Он был шафером на моей свадьбе. Мы виделись часто, но жизнь сложилась разно – я стал журналистом, а он проявил коммерческую сметку и создал в Варшаве процветавшее торговое дело. Успех не отразился на его отношении к поработившим русский народ коммунистам. Он не хотел быть всего лишь преуспевающим купцом. Не раз он заговаривал со мной об Артамонове, догадываясь, что я связан с ним не простым знакомством. Несмотря на дружбу, я каждый раз отвечал уклончиво.
Это изменилось, когда необходимость замены Артамонова в «окне» стала очевидной. Я назвал Александрова и получил согласие на его привлечение в организацию. С этого дня и до апреля 1927 года ни один переход границы людьми, связанными с М.О.Р., не обошелся без его участия. Он, в частности, перевел через нее Василия Витальевича Шульгина.
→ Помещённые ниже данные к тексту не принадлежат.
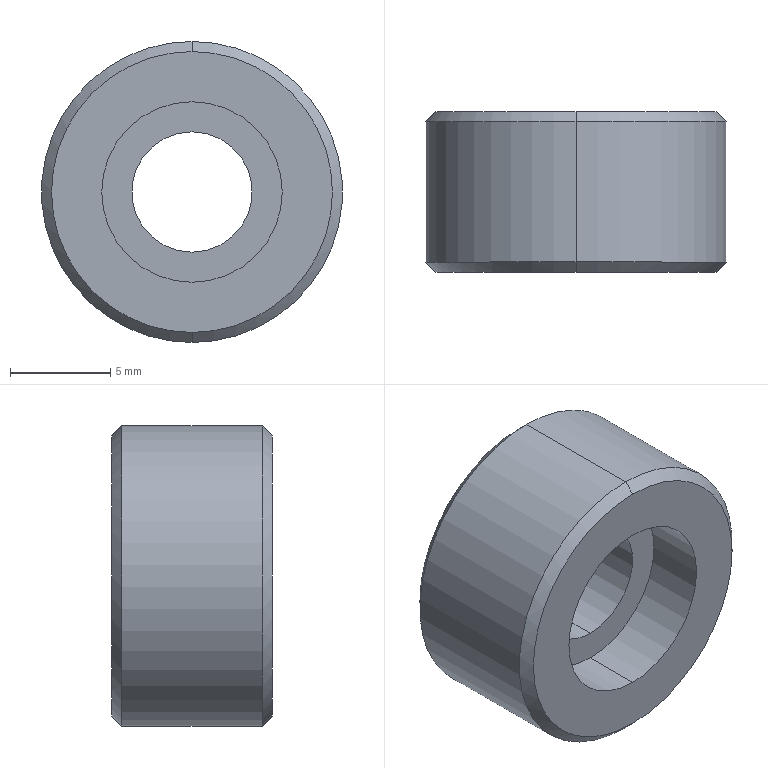Component | SolidWorks | J-TRD899MINI-2213-06SpringAdjustmentWasher-3 | 1 solid | 13 faces | box 15 x 8 x 15 mm | volume 1070 mm3 | cylinder 6 | cone 4 | plane 3 | commonest cylinder face diameters 6 x2 9 x2 15 x2 | material 45
build123d program:
from build123d import *

# Parameters (mm, degrees)
M6_TAPPED_HOLE1_D = 6
CHAMFER1_SIZE     = 0.5


with BuildPart() as part:
    # Sketch1 → Revolve1 (revolve)
    with BuildSketch(Plane.XY, mode=Mode.PRIVATE) as revolve1_sk:
        Polygon((0, 0), (7.5, 0), (7.5, -8), (4.5, -8), (4.5, -5), (0, -5), align=None)
    revolve(revolve1_sk.sketch.rotate(Axis((0, 0, 0), (0, -1, 0)), 90), axis=Axis((0, 0, 0), (0, -1, 0)))

    # M6 Tapped Hole1 (through all)
    with Locations(Plane(origin=(0, 0, 0), x_dir=(1, 0, 0), z_dir=(0, 1, 0))):
        with Locations((0, 0)):
            Hole(M6_TAPPED_HOLE1_D / 2)

    # Chamfer1
    chamfer1_edges = [part.edges().sort_by_distance(p)[0] for p in [
        (0, -8, -7.5),
        (0, 0, -7.5),
    ]]
    chamfer(chamfer1_edges, length=CHAMFER1_SIZE)


solid = part.part

# Placed as in the assembly
solid = solid.moved(Location((-121.663, 49.996, 191.5), (0, 0, 0)))
STEP:
#1=COLOUR_RGB('',0.7922,0.8196,0.9333);
#2=FILL_AREA_STYLE_COLOUR('',#1);
#3=FILL_AREA_STYLE('',(#2));
#4=SURFACE_STYLE_FILL_AREA(#3);
#5=SURFACE_SIDE_STYLE('',(#4));
#6=SURFACE_STYLE_USAGE(.BOTH.,#5);
#7=PRESENTATION_STYLE_ASSIGNMENT((#6));
#8=CARTESIAN_POINT('',(-4.79,1.968,7.815));
#9=VERTEX_POINT('',#8);
#10=CARTESIAN_POINT('',(-4.79,1.968,7.264));
#11=VERTEX_POINT('',#10);
#12=CARTESIAN_POINT('',(-4.79,1.968,7.539));
#13=DIRECTION('',(0.,1.,0.));
#14=DIRECTION('',(0.,0.,-1.));
#15=AXIS2_PLACEMENT_3D('',#12,#13,#14);
#16=CIRCLE('',#15,0.2756);
#17=EDGE_CURVE('',#9,#11,#16,.T.);
#18=ORIENTED_EDGE('',*,*,#17,.F.);
#19=CARTESIAN_POINT('',(-4.79,1.949,7.835));
#20=VERTEX_POINT('',#19);
#21=CARTESIAN_POINT('',(-4.79,1.968,7.815));
#22=DIRECTION('',(0.,-0.7071,0.7071));
#23=VECTOR('',#22,39.37);
#24=LINE('',#21,#23);
#25=EDGE_CURVE('',#9,#20,#24,.T.);
#26=ORIENTED_EDGE('',*,*,#25,.T.);
#27=CARTESIAN_POINT('',(-4.79,1.949,7.244));
#28=VERTEX_POINT('',#27);
#29=CARTESIAN_POINT('',(-4.79,1.949,7.539));
#30=DIRECTION('',(0.,-1.,0.));
#31=DIRECTION('',(0.,0.,-1.));
#32=AXIS2_PLACEMENT_3D('',#29,#30,#31);
#33=CIRCLE('',#32,0.2953);
#34=EDGE_CURVE('',#28,#20,#33,.T.);
#35=ORIENTED_EDGE('',*,*,#34,.F.);
#36=CARTESIAN_POINT('',(-4.79,1.968,7.264));
#37=DIRECTION('',(0.,-0.7071,-0.7071));
#38=VECTOR('',#37,39.37);
#39=LINE('',#36,#38);
#40=EDGE_CURVE('',#11,#28,#39,.T.);
#41=ORIENTED_EDGE('',*,*,#40,.F.);
#42=EDGE_LOOP('',(#18,#26,#35,#41));
#43=FACE_OUTER_BOUND('',#42,.T.);
#44=CARTESIAN_POINT('',(-4.79,1.968,7.539));
#45=DIRECTION('',(0.,-1.,0.));
#46=DIRECTION('',(0.,0.,-1.));
#47=AXIS2_PLACEMENT_3D('',#44,#45,#46);
#48=CONICAL_SURFACE('',#47,0.2756,0.7854);
#49=ADVANCED_FACE('',(#43),#48,.T.);
#50=CARTESIAN_POINT('',(-4.79,1.653,7.264));
#51=VERTEX_POINT('',#50);
#52=CARTESIAN_POINT('',(-4.79,1.653,7.815));
#53=VERTEX_POINT('',#52);
#54=CARTESIAN_POINT('',(-4.79,1.653,7.539));
#55=DIRECTION('',(0.,-1.,0.));
#56=DIRECTION('',(0.,0.,1.));
#57=AXIS2_PLACEMENT_3D('',#54,#55,#56);
#58=CIRCLE('',#57,0.2756);
#59=EDGE_CURVE('',#51,#53,#58,.T.);
#60=ORIENTED_EDGE('',*,*,#59,.F.);
#61=CARTESIAN_POINT('',(-4.79,1.673,7.244));
#62=VERTEX_POINT('',#61);
#63=CARTESIAN_POINT('',(-4.79,1.673,7.244));
#64=DIRECTION('',(0.,0.7071,-0.7071));
#65=VECTOR('',#64,39.37);
#66=LINE('',#63,#65);
#67=EDGE_CURVE('',#51,#62,#66,.T.);
#68=ORIENTED_EDGE('',*,*,#67,.T.);
#69=CARTESIAN_POINT('',(-4.79,1.673,7.835));
#70=VERTEX_POINT('',#69);
#71=CARTESIAN_POINT('',(-4.79,1.673,7.539));
#72=DIRECTION('',(0.,1.,0.));
#73=DIRECTION('',(0.,0.,1.));
#74=AXIS2_PLACEMENT_3D('',#71,#72,#73);
#75=CIRCLE('',#74,0.2953);
#76=EDGE_CURVE('',#70,#62,#75,.T.);
#77=ORIENTED_EDGE('',*,*,#76,.F.);
#78=CARTESIAN_POINT('',(-4.79,1.673,7.835));
#79=DIRECTION('',(0.,0.7071,0.7071));
#80=VECTOR('',#79,39.37);
#81=LINE('',#78,#80);
#82=EDGE_CURVE('',#53,#70,#81,.T.);
#83=ORIENTED_EDGE('',*,*,#82,.F.);
#84=EDGE_LOOP('',(#60,#68,#77,#83));
#85=FACE_OUTER_BOUND('',#84,.T.);
#86=CARTESIAN_POINT('',(-4.79,1.673,7.539));
#87=DIRECTION('',(0.,1.,0.));
#88=DIRECTION('',(0.,0.,1.));
#89=AXIS2_PLACEMENT_3D('',#86,#87,#88);
#90=CONICAL_SURFACE('',#89,0.2953,0.7854);
#91=ADVANCED_FACE('',(#85),#90,.T.);
#92=CARTESIAN_POINT('',(-4.79,1.771,7.421));
#93=VERTEX_POINT('',#92);
#94=CARTESIAN_POINT('',(-4.79,1.771,7.657));
#95=VERTEX_POINT('',#94);
#96=CARTESIAN_POINT('',(-4.79,1.771,7.539));
#97=DIRECTION('',(0.,1.,0.));
#98=DIRECTION('',(0.,0.,1.));
#99=AXIS2_PLACEMENT_3D('',#96,#97,#98);
#100=CIRCLE('',#99,0.1181);
#101=EDGE_CURVE('',#93,#95,#100,.T.);
#102=ORIENTED_EDGE('',*,*,#101,.F.);
#103=CARTESIAN_POINT('',(-4.79,1.968,7.421));
#104=VERTEX_POINT('',#103);
#105=CARTESIAN_POINT('',(-4.79,1.968,7.421));
#106=DIRECTION('',(0.,1.,0.));
#107=VECTOR('',#106,39.37);
#108=LINE('',#105,#107);
#109=EDGE_CURVE('',#93,#104,#108,.T.);
#110=ORIENTED_EDGE('',*,*,#109,.T.);
#111=CARTESIAN_POINT('',(-4.79,1.968,7.657));
#112=VERTEX_POINT('',#111);
#113=CARTESIAN_POINT('',(-4.79,1.968,7.539));
#114=DIRECTION('',(0.,1.,0.));
#115=DIRECTION('',(0.,0.,1.));
#116=AXIS2_PLACEMENT_3D('',#113,#114,#115);
#117=CIRCLE('',#116,0.1181);
#118=EDGE_CURVE('',#104,#112,#117,.T.);
#119=ORIENTED_EDGE('',*,*,#118,.T.);
#120=CARTESIAN_POINT('',(-4.79,1.968,7.657));
#121=DIRECTION('',(0.,1.,0.));
#122=VECTOR('',#121,39.37);
#123=LINE('',#120,#122);
#124=EDGE_CURVE('',#95,#112,#123,.T.);
#125=ORIENTED_EDGE('',*,*,#124,.F.);
#126=EDGE_LOOP('',(#102,#110,#119,#125));
#127=FACE_OUTER_BOUND('',#126,.T.);
#128=CARTESIAN_POINT('',(-4.79,1.968,7.539));
#129=DIRECTION('',(0.,1.,0.));
#130=DIRECTION('',(0.,0.,1.));
#131=AXIS2_PLACEMENT_3D('',#128,#129,#130);
#132=CYLINDRICAL_SURFACE('',#131,0.1181);
#133=ADVANCED_FACE('',(#127),#132,.F.);
#134=CARTESIAN_POINT('',(-4.79,1.653,7.362));
#135=VERTEX_POINT('',#134);
#136=CARTESIAN_POINT('',(-4.79,1.653,7.717));
#137=VERTEX_POINT('',#136);
#138=CARTESIAN_POINT('',(-4.79,1.653,7.539));
#139=DIRECTION('',(0.,1.,0.));
#140=DIRECTION('',(0.,0.,1.));
#141=AXIS2_PLACEMENT_3D('',#138,#139,#140);
#142=CIRCLE('',#141,0.1772);
#143=EDGE_CURVE('',#135,#137,#142,.T.);
#144=ORIENTED_EDGE('',*,*,#143,.F.);
#145=CARTESIAN_POINT('',(-4.79,1.771,7.362));
#146=VERTEX_POINT('',#145);
#147=CARTESIAN_POINT('',(-4.79,1.968,7.362));
#148=DIRECTION('',(0.,1.,0.));
#149=VECTOR('',#148,39.37);
#150=LINE('',#147,#149);
#151=EDGE_CURVE('',#135,#146,#150,.T.);
#152=ORIENTED_EDGE('',*,*,#151,.T.);
#153=CARTESIAN_POINT('',(-4.79,1.771,7.717));
#154=VERTEX_POINT('',#153);
#155=CARTESIAN_POINT('',(-4.79,1.771,7.539));
#156=DIRECTION('',(0.,1.,0.));
#157=DIRECTION('',(0.,0.,1.));
#158=AXIS2_PLACEMENT_3D('',#155,#156,#157);
#159=CIRCLE('',#158,0.1772);
#160=EDGE_CURVE('',#146,#154,#159,.T.);
#161=ORIENTED_EDGE('',*,*,#160,.T.);
#162=CARTESIAN_POINT('',(-4.79,1.968,7.717));
#163=DIRECTION('',(0.,1.,0.));
#164=VECTOR('',#163,39.37);
#165=LINE('',#162,#164);
#166=EDGE_CURVE('',#137,#154,#165,.T.);
#167=ORIENTED_EDGE('',*,*,#166,.F.);
#168=EDGE_LOOP('',(#144,#152,#161,#167));
#169=FACE_OUTER_BOUND('',#168,.T.);
#170=CARTESIAN_POINT('',(-4.79,1.968,7.539));
#171=DIRECTION('',(0.,1.,0.));
#172=DIRECTION('',(0.,0.,1.));
#173=AXIS2_PLACEMENT_3D('',#170,#171,#172);
#174=CYLINDRICAL_SURFACE('',#173,0.1772);
#175=ADVANCED_FACE('',(#169),#174,.F.);
#176=ORIENTED_EDGE('',*,*,#76,.T.);
#177=CARTESIAN_POINT('',(-4.79,1.968,7.244));
#178=DIRECTION('',(0.,1.,0.));
#179=VECTOR('',#178,39.37);
#180=LINE('',#177,#179);
#181=EDGE_CURVE('',#62,#28,#180,.T.);
#182=ORIENTED_EDGE('',*,*,#181,.T.);
#183=ORIENTED_EDGE('',*,*,#34,.T.);
#184=CARTESIAN_POINT('',(-4.79,1.968,7.835));
#185=DIRECTION('',(0.,1.,0.));
#186=VECTOR('',#185,39.37);
#187=LINE('',#184,#186);
#188=EDGE_CURVE('',#70,#20,#187,.T.);
#189=ORIENTED_EDGE('',*,*,#188,.F.);
#190=EDGE_LOOP('',(#176,#182,#183,#189));
#191=FACE_OUTER_BOUND('',#190,.T.);
#192=CARTESIAN_POINT('',(-4.79,1.968,7.539));
#193=DIRECTION('',(0.,1.,0.));
#194=DIRECTION('',(0.,0.,1.));
#195=AXIS2_PLACEMENT_3D('',#192,#193,#194);
#196=CYLINDRICAL_SURFACE('',#195,0.2953);
#197=ADVANCED_FACE('',(#191),#196,.T.);
#198=CARTESIAN_POINT('',(-4.79,1.968,7.539));
#199=DIRECTION('',(0.,1.,0.));
#200=DIRECTION('',(0.,0.,-1.));
#201=AXIS2_PLACEMENT_3D('',#198,#199,#200);
#202=CIRCLE('',#201,0.2756);
#203=EDGE_CURVE('',#11,#9,#202,.T.);
#204=ORIENTED_EDGE('',*,*,#203,.T.);
#205=ORIENTED_EDGE('',*,*,#17,.T.);
#206=EDGE_LOOP('',(#204,#205));
#207=FACE_OUTER_BOUND('',#206,.T.);
#208=CARTESIAN_POINT('',(-4.79,1.968,7.539));
#209=DIRECTION('',(0.,1.,0.));
#210=DIRECTION('',(0.,0.,1.));
#211=AXIS2_PLACEMENT_3D('',#208,#209,#210);
#212=CIRCLE('',#211,0.1181);
#213=EDGE_CURVE('',#112,#104,#212,.T.);
#214=ORIENTED_EDGE('',*,*,#213,.F.);
#215=ORIENTED_EDGE('',*,*,#118,.F.);
#216=EDGE_LOOP('',(#214,#215));
#217=FACE_BOUND('',#216,.T.);
#218=CARTESIAN_POINT('',(-4.79,1.968,7.539));
#219=DIRECTION('',(0.,-1.,0.));
#220=DIRECTION('',(0.,0.,-1.));
#221=AXIS2_PLACEMENT_3D('',#218,#219,#220);
#222=PLANE('',#221);
#223=ADVANCED_FACE('',(#207,#217),#222,.F.);
#224=ORIENTED_EDGE('',*,*,#181,.F.);
#225=CARTESIAN_POINT('',(-4.79,1.673,7.539));
#226=DIRECTION('',(0.,1.,0.));
#227=DIRECTION('',(0.,0.,1.));
#228=AXIS2_PLACEMENT_3D('',#225,#226,#227);
#229=CIRCLE('',#228,0.2953);
#230=EDGE_CURVE('',#62,#70,#229,.T.);
#231=ORIENTED_EDGE('',*,*,#230,.T.);
#232=ORIENTED_EDGE('',*,*,#188,.T.);
#233=CARTESIAN_POINT('',(-4.79,1.949,7.539));
#234=DIRECTION('',(0.,-1.,0.));
#235=DIRECTION('',(0.,0.,-1.));
#236=AXIS2_PLACEMENT_3D('',#233,#234,#235);
#237=CIRCLE('',#236,0.2953);
#238=EDGE_CURVE('',#20,#28,#237,.T.);
#239=ORIENTED_EDGE('',*,*,#238,.T.);
#240=EDGE_LOOP('',(#224,#231,#232,#239));
#241=FACE_OUTER_BOUND('',#240,.T.);
#242=CARTESIAN_POINT('',(-4.79,1.968,7.539));
#243=DIRECTION('',(0.,1.,0.));
#244=DIRECTION('',(0.,0.,1.));
#245=AXIS2_PLACEMENT_3D('',#242,#243,#244);
#246=CYLINDRICAL_SURFACE('',#245,0.2953);
#247=ADVANCED_FACE('',(#241),#246,.T.);
#248=CARTESIAN_POINT('',(-4.79,1.653,7.539));
#249=DIRECTION('',(0.,-1.,0.));
#250=DIRECTION('',(0.,0.,1.));
#251=AXIS2_PLACEMENT_3D('',#248,#249,#250);
#252=CIRCLE('',#251,0.2756);
#253=EDGE_CURVE('',#53,#51,#252,.T.);
#254=ORIENTED_EDGE('',*,*,#253,.T.);
#255=ORIENTED_EDGE('',*,*,#59,.T.);
#256=EDGE_LOOP('',(#254,#255));
#257=FACE_OUTER_BOUND('',#256,.T.);
#258=CARTESIAN_POINT('',(-4.79,1.653,7.539));
#259=DIRECTION('',(0.,1.,0.));
#260=DIRECTION('',(0.,0.,1.));
#261=AXIS2_PLACEMENT_3D('',#258,#259,#260);
#262=CIRCLE('',#261,0.1772);
#263=EDGE_CURVE('',#137,#135,#262,.T.);
#264=ORIENTED_EDGE('',*,*,#263,.T.);
#265=ORIENTED_EDGE('',*,*,#143,.T.);
#266=EDGE_LOOP('',(#264,#265));
#267=FACE_BOUND('',#266,.T.);
#268=CARTESIAN_POINT('',(-4.495,1.653,7.539));
#269=DIRECTION('',(0.,1.,0.));
#270=DIRECTION('',(0.,0.,1.));
#271=AXIS2_PLACEMENT_3D('',#268,#269,#270);
#272=PLANE('',#271);
#273=ADVANCED_FACE('',(#257,#267),#272,.F.);
#274=ORIENTED_EDGE('',*,*,#151,.F.);
#275=ORIENTED_EDGE('',*,*,#263,.F.);
#276=ORIENTED_EDGE('',*,*,#166,.T.);
#277=CARTESIAN_POINT('',(-4.79,1.771,7.539));
#278=DIRECTION('',(0.,1.,0.));
#279=DIRECTION('',(0.,0.,1.));
#280=AXIS2_PLACEMENT_3D('',#277,#278,#279);
#281=CIRCLE('',#280,0.1772);
#282=EDGE_CURVE('',#154,#146,#281,.T.);
#283=ORIENTED_EDGE('',*,*,#282,.T.);
#284=EDGE_LOOP('',(#274,#275,#276,#283));
#285=FACE_OUTER_BOUND('',#284,.T.);
#286=CARTESIAN_POINT('',(-4.79,1.968,7.539));
#287=DIRECTION('',(0.,1.,0.));
#288=DIRECTION('',(0.,0.,1.));
#289=AXIS2_PLACEMENT_3D('',#286,#287,#288);
#290=CYLINDRICAL_SURFACE('',#289,0.1772);
#291=ADVANCED_FACE('',(#285),#290,.F.);
#292=CARTESIAN_POINT('',(-4.79,1.771,7.539));
#293=DIRECTION('',(0.,1.,0.));
#294=DIRECTION('',(0.,0.,1.));
#295=AXIS2_PLACEMENT_3D('',#292,#293,#294);
#296=CIRCLE('',#295,0.1181);
#297=EDGE_CURVE('',#95,#93,#296,.T.);
#298=ORIENTED_EDGE('',*,*,#297,.T.);
#299=ORIENTED_EDGE('',*,*,#101,.T.);
#300=EDGE_LOOP('',(#298,#299));
#301=FACE_BOUND('',#300,.T.);
#302=ORIENTED_EDGE('',*,*,#282,.F.);
#303=ORIENTED_EDGE('',*,*,#160,.F.);
#304=EDGE_LOOP('',(#302,#303));
#305=FACE_OUTER_BOUND('',#304,.T.);
#306=CARTESIAN_POINT('',(-4.613,1.771,7.539));
#307=DIRECTION('',(0.,1.,0.));
#308=DIRECTION('',(0.,0.,1.));
#309=AXIS2_PLACEMENT_3D('',#306,#307,#308);
#310=PLANE('',#309);
#311=ADVANCED_FACE('',(#301,#305),#310,.F.);
#312=ORIENTED_EDGE('',*,*,#109,.F.);
#313=ORIENTED_EDGE('',*,*,#297,.F.);
#314=ORIENTED_EDGE('',*,*,#124,.T.);
#315=ORIENTED_EDGE('',*,*,#213,.T.);
#316=EDGE_LOOP('',(#312,#313,#314,#315));
#317=FACE_OUTER_BOUND('',#316,.T.);
#318=CARTESIAN_POINT('',(-4.79,1.968,7.539));
#319=DIRECTION('',(0.,1.,0.));
#320=DIRECTION('',(0.,0.,1.));
#321=AXIS2_PLACEMENT_3D('',#318,#319,#320);
#322=CYLINDRICAL_SURFACE('',#321,0.1181);
#323=ADVANCED_FACE('',(#317),#322,.F.);
#324=ORIENTED_EDGE('',*,*,#67,.F.);
#325=ORIENTED_EDGE('',*,*,#253,.F.);
#326=ORIENTED_EDGE('',*,*,#82,.T.);
#327=ORIENTED_EDGE('',*,*,#230,.F.);
#328=EDGE_LOOP('',(#324,#325,#326,#327));
#329=FACE_OUTER_BOUND('',#328,.T.);
#330=CARTESIAN_POINT('',(-4.79,1.673,7.539));
#331=DIRECTION('',(0.,1.,0.));
#332=DIRECTION('',(0.,0.,1.));
#333=AXIS2_PLACEMENT_3D('',#330,#331,#332);
#334=CONICAL_SURFACE('',#333,0.2953,0.7854);
#335=ADVANCED_FACE('',(#329),#334,.T.);
#336=ORIENTED_EDGE('',*,*,#25,.F.);
#337=ORIENTED_EDGE('',*,*,#203,.F.);
#338=ORIENTED_EDGE('',*,*,#40,.T.);
#339=ORIENTED_EDGE('',*,*,#238,.F.);
#340=EDGE_LOOP('',(#336,#337,#338,#339));
#341=FACE_OUTER_BOUND('',#340,.T.);
#342=CARTESIAN_POINT('',(-4.79,1.968,7.539));
#343=DIRECTION('',(0.,-1.,0.));
#344=DIRECTION('',(0.,0.,-1.));
#345=AXIS2_PLACEMENT_3D('',#342,#343,#344);
#346=CONICAL_SURFACE('',#345,0.2756,0.7854);
#347=ADVANCED_FACE('',(#341),#346,.T.);
#348=CLOSED_SHELL('',(#49,#91,#133,#175,#197,#223,#247,#273,#291,#311,#323,#335,#347));
#349=MANIFOLD_SOLID_BREP('',#348);
#350=STYLED_ITEM('',(#7),#349);
#351=PRESENTATION_LAYER_ASSIGNMENT('','',(#350));
#352=(LENGTH_UNIT()NAMED_UNIT(*)SI_UNIT($,.METRE.));
#353=LENGTH_MEASURE_WITH_UNIT(LENGTH_MEASURE(0.0254),#352);
#354=DIMENSIONAL_EXPONENTS(1.,0.,0.,0.,0.,0.,0.);
#355=(CONVERSION_BASED_UNIT('',#353)LENGTH_UNIT()NAMED_UNIT(#354));
#356=UNCERTAINTY_MEASURE_WITH_UNIT(LENGTH_MEASURE(0.00001),#355,'','');
#357=(NAMED_UNIT(*)PLANE_ANGLE_UNIT()SI_UNIT($,.RADIAN.));
#358=(NAMED_UNIT(*)SI_UNIT($,.STERADIAN.)SOLID_ANGLE_UNIT());
#359=(GEOMETRIC_REPRESENTATION_CONTEXT(3)GLOBAL_UNCERTAINTY_ASSIGNED_CONTEXT((#356))GLOBAL_UNIT_ASSIGNED_CONTEXT((#355,#357,#358))REPRESENTATION_CONTEXT('',''));
#360=MECHANICAL_DESIGN_GEOMETRIC_PRESENTATION_REPRESENTATION('',(#350),#359);
#361=CARTESIAN_POINT('',(0.,0.,0.));
#362=DIRECTION('',(0.,0.,1.));
#363=DIRECTION('',(1.,0.,0.));
#364=AXIS2_PLACEMENT_3D('',#361,#362,#363);
#365=(LENGTH_UNIT()NAMED_UNIT(*)SI_UNIT($,.METRE.));
#366=LENGTH_MEASURE_WITH_UNIT(LENGTH_MEASURE(0.0254),#365);
#367=DIMENSIONAL_EXPONENTS(1.,0.,0.,0.,0.,0.,0.);
#368=(CONVERSION_BASED_UNIT('',#366)LENGTH_UNIT()NAMED_UNIT(#367));
#369=UNCERTAINTY_MEASURE_WITH_UNIT(LENGTH_MEASURE(0.00001),#368,'','');
#370=(NAMED_UNIT(*)PLANE_ANGLE_UNIT()SI_UNIT($,.RADIAN.));
#371=(NAMED_UNIT(*)SI_UNIT($,.STERADIAN.)SOLID_ANGLE_UNIT());
#372=(GEOMETRIC_REPRESENTATION_CONTEXT(3)GLOBAL_UNCERTAINTY_ASSIGNED_CONTEXT((#369))GLOBAL_UNIT_ASSIGNED_CONTEXT((#368,#370,#371))REPRESENTATION_CONTEXT('',''));
#373=ADVANCED_BREP_SHAPE_REPRESENTATION('',(#349,#364),#372);

Это случилось 23 декабря 1925 года. В «Трех столицах» – описании «тайного» путешествия Шульгина в Россию – Александров упомянут так: «Мне было сказано явиться на такой-то вокзал, такого-то города, в такой-то стране, такого-то числа, в таком-то часу. Там за столиком будет сидеть молодой человек, т. е. средних лет. Красивый, в полупальто с серым мехом, в мягкой шляпе. Я должен буду сесть рядом с ним за общим столом и через некоторое время спросить у него по-русски, есть ли у него спички. Если он подаст мне спичечную коробку определенной марки, то это будет именно тот человек, который мне нужен, и больше мне ни о чем заботиться не полагается. Я приехал на вокзал, и все прошло очень точно. На углу стола сидел человек, которого нельзя было не узнать по данному мне описанию. Я спросил спички, и он подал их мне, улыбнувшись при этом добродушно и грустно, как улыбаются только русские. Он был усталый, хотя молодой и не изможденный. Он давно устал, и, должно быть, навсегда».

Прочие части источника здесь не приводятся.